Archive for the ‘Tak Berkategori’ Category


Perjalanan isra’ mi’raj menempatkan Nabi Muhammad shallallahu ‘alaihi wa sallam di kedudukan yang tinggi. Sebuah kedudukan yang mengantarkan beliau pada derajat dengan limpahan kenikmatan. Ditampakkan perkara-perkara gaib yang tidak diketahu manusia selain beliau. Allah Ta’ala berfirman:

لَقَدْ رَأَى مِنْ آيَاتِ رَبِّهِ الْكُبْرَى}

“Sesungguhnya dia telah melihat sebahagian tanda-tanda (kekuasaan) Tuhannya yang paling besar.” [Quran An-Najm: 18].

Apa saja hal-hal gaib dan tanda-tanda kebesaran Allah yang beliau saksikan. Berikut penjelasannya.

Pertama: Melihat Jibril dengan Wujud Aslinya

Penampakan Jibril ‘alaihissalam dengan wujud aslinya adalah salah satu dari tanda-tanda besar kekuasaan Allah. Rasulullah menyaksikan hal itu. Di malam itu. Di perjalanan yang suci itu. Di saat isra’ dan mi’raj.
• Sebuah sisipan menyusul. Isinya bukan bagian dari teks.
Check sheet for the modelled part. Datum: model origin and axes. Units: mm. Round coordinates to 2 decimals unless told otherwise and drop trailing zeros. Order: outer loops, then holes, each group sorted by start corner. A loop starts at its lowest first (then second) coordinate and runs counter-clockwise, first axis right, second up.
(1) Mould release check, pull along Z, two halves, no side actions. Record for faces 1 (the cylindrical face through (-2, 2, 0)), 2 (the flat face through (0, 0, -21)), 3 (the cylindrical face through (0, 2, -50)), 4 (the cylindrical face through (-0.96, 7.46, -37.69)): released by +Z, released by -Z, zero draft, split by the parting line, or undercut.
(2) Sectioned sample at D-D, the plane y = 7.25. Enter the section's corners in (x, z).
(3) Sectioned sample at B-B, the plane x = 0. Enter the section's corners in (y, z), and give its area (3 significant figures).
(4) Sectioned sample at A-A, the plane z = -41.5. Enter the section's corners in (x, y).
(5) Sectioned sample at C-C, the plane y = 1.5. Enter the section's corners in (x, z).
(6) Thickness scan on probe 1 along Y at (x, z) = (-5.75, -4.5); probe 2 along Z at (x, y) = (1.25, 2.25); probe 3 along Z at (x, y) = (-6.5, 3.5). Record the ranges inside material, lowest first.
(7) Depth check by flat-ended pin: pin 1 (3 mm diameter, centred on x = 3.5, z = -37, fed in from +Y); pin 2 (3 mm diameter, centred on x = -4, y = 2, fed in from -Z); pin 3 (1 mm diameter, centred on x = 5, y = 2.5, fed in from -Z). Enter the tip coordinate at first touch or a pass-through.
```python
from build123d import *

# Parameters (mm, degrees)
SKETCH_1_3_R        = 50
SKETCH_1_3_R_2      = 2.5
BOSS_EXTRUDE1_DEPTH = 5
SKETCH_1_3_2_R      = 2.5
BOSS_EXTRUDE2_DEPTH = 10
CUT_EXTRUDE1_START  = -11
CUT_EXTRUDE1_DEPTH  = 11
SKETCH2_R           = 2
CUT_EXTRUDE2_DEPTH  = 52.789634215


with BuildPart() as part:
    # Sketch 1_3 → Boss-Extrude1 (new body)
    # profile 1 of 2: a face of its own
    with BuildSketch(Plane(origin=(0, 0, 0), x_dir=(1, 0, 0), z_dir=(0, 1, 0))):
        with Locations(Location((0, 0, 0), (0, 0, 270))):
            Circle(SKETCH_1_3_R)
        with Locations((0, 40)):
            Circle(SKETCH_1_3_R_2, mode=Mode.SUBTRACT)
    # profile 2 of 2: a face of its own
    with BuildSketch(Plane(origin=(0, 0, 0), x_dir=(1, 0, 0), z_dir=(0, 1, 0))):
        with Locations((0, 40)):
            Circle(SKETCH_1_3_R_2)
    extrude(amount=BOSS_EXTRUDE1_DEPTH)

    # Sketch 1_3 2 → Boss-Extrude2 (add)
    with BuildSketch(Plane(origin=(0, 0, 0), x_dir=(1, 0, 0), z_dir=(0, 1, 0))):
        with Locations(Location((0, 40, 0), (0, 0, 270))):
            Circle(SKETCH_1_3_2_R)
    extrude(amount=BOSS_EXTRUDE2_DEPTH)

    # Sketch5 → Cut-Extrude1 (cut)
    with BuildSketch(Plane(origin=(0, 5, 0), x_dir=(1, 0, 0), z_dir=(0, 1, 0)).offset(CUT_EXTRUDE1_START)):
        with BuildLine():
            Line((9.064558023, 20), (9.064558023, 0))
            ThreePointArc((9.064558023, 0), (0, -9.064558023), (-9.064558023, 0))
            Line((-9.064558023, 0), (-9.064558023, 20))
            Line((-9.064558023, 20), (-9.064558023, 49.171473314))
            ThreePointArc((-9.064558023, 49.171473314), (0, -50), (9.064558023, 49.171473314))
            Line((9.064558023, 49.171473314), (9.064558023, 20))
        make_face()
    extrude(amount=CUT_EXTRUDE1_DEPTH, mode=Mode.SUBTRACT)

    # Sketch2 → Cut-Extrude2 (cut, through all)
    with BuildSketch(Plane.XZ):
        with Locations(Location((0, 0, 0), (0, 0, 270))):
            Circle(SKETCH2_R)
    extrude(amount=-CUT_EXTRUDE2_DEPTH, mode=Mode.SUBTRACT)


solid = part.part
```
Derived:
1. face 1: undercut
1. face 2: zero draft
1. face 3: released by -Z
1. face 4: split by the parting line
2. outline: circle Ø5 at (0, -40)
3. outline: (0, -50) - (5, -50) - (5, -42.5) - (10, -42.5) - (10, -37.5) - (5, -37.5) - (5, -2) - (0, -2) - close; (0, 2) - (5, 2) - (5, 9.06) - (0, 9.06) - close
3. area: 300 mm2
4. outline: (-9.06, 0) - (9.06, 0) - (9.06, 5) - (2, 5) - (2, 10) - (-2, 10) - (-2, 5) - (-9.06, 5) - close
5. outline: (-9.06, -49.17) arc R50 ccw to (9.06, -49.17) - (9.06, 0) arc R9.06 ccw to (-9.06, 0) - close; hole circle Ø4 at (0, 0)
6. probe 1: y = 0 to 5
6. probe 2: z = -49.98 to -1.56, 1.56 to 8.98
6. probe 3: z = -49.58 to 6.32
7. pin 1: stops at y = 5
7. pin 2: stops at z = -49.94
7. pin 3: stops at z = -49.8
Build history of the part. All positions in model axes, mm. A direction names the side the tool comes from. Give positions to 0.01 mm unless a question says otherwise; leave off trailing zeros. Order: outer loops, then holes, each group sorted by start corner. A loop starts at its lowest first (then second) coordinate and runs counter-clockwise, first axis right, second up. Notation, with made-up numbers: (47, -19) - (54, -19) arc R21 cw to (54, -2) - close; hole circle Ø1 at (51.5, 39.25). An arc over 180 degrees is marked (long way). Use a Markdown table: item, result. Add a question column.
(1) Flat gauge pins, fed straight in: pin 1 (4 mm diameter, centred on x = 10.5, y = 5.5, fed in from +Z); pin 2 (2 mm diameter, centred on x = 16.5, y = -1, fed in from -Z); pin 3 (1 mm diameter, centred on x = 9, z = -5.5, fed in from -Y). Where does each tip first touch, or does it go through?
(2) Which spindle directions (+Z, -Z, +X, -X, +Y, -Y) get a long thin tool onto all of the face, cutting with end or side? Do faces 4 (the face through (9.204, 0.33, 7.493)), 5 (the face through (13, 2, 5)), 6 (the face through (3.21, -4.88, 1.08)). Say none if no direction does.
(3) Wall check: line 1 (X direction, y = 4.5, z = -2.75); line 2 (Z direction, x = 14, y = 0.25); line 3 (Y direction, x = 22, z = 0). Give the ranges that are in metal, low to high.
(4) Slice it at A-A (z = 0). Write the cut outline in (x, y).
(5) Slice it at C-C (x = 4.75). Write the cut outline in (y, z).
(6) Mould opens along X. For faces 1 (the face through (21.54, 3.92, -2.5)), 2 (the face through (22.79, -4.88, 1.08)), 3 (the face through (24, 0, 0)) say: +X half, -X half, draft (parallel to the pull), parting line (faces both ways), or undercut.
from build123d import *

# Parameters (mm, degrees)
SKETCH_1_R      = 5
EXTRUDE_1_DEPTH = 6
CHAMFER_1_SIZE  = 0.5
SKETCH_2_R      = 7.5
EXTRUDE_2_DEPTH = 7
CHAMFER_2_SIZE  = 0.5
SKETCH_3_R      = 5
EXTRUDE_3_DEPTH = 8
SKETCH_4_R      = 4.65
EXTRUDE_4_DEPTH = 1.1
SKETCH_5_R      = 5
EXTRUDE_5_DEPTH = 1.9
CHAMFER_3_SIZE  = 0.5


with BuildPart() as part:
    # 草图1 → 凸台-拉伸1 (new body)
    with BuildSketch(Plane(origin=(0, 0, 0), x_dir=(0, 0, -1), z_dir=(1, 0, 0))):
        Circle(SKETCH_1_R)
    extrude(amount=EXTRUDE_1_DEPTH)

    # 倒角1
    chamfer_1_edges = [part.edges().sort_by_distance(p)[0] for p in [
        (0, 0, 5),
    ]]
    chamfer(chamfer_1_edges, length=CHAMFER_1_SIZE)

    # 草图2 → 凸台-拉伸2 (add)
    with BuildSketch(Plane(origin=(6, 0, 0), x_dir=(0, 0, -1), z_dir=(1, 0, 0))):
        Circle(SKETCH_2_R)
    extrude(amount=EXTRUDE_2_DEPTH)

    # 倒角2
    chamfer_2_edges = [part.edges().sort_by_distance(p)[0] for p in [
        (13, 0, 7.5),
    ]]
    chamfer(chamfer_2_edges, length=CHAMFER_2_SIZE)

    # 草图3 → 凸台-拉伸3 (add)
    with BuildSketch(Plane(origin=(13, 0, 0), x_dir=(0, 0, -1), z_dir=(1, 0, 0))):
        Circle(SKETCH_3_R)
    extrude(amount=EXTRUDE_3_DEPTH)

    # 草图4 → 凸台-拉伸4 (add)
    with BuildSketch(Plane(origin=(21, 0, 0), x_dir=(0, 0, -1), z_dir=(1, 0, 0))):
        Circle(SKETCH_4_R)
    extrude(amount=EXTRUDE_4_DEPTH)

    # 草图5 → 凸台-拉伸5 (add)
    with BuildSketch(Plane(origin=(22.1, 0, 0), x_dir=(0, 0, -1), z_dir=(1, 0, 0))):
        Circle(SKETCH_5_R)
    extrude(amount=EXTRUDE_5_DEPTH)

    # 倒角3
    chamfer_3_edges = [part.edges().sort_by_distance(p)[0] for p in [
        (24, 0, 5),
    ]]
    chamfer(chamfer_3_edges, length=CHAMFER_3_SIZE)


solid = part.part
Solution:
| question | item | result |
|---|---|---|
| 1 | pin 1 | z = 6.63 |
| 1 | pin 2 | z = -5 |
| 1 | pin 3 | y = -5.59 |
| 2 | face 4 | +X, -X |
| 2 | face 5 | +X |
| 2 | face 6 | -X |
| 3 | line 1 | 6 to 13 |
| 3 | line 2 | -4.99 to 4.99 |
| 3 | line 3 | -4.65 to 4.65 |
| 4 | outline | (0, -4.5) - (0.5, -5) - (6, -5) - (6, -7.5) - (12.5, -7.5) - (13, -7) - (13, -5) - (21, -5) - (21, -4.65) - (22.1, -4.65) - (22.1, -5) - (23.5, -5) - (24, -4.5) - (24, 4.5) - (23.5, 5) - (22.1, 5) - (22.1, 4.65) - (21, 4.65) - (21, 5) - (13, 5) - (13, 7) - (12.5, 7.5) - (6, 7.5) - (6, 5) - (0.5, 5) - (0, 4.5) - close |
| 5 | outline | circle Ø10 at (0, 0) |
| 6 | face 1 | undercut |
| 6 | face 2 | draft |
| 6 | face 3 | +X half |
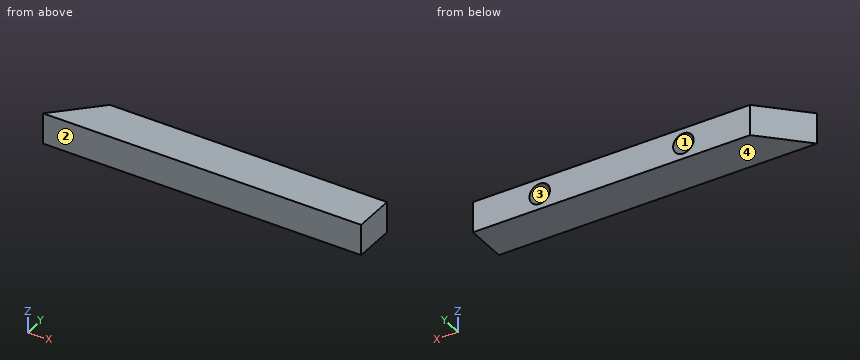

Biasanya, Rasulullah shallallahu ‘alaihi wa sallam bertemu Jibril dalam wujud manusia. Ia sering datang dalam wujud Dihyah al-Kalbi radhiallahu ‘anhu. Rasulullah shallallahu ‘alaihi wa sallam bersabda,

وَإِنَّهُ لَجِبْرِيلُ عَلَيْهِ السَّلاَمُ نَزَلَ فِي صُورَةِ دِحْيَةَ الْكَلْبِيِّ

“Sesungguhnya dia itu Jibril. Ia turun dengan tampilan Dihyah al-Kalbi.” (HR. An-Nasai dalam Kitab al-Iman wa Syara’ihi, Shifatul Iman wal Islam (11722) dishahihkan al-Albani).

Kedatangan Jibril dengan wujud manusia, apalagi dalam tampilan sahabat Nabi, adalah cara Allah dalam menjaga kondisi batin Nabi. Karena manusia akan merasa nyaman dengan manusia. Efek psikis yang ditimbulkan saat berinteraksi dengan manusa, tentu akan berbeda dengan interaksi dengan malaikat. Apalagi dengan wujud asli mereka.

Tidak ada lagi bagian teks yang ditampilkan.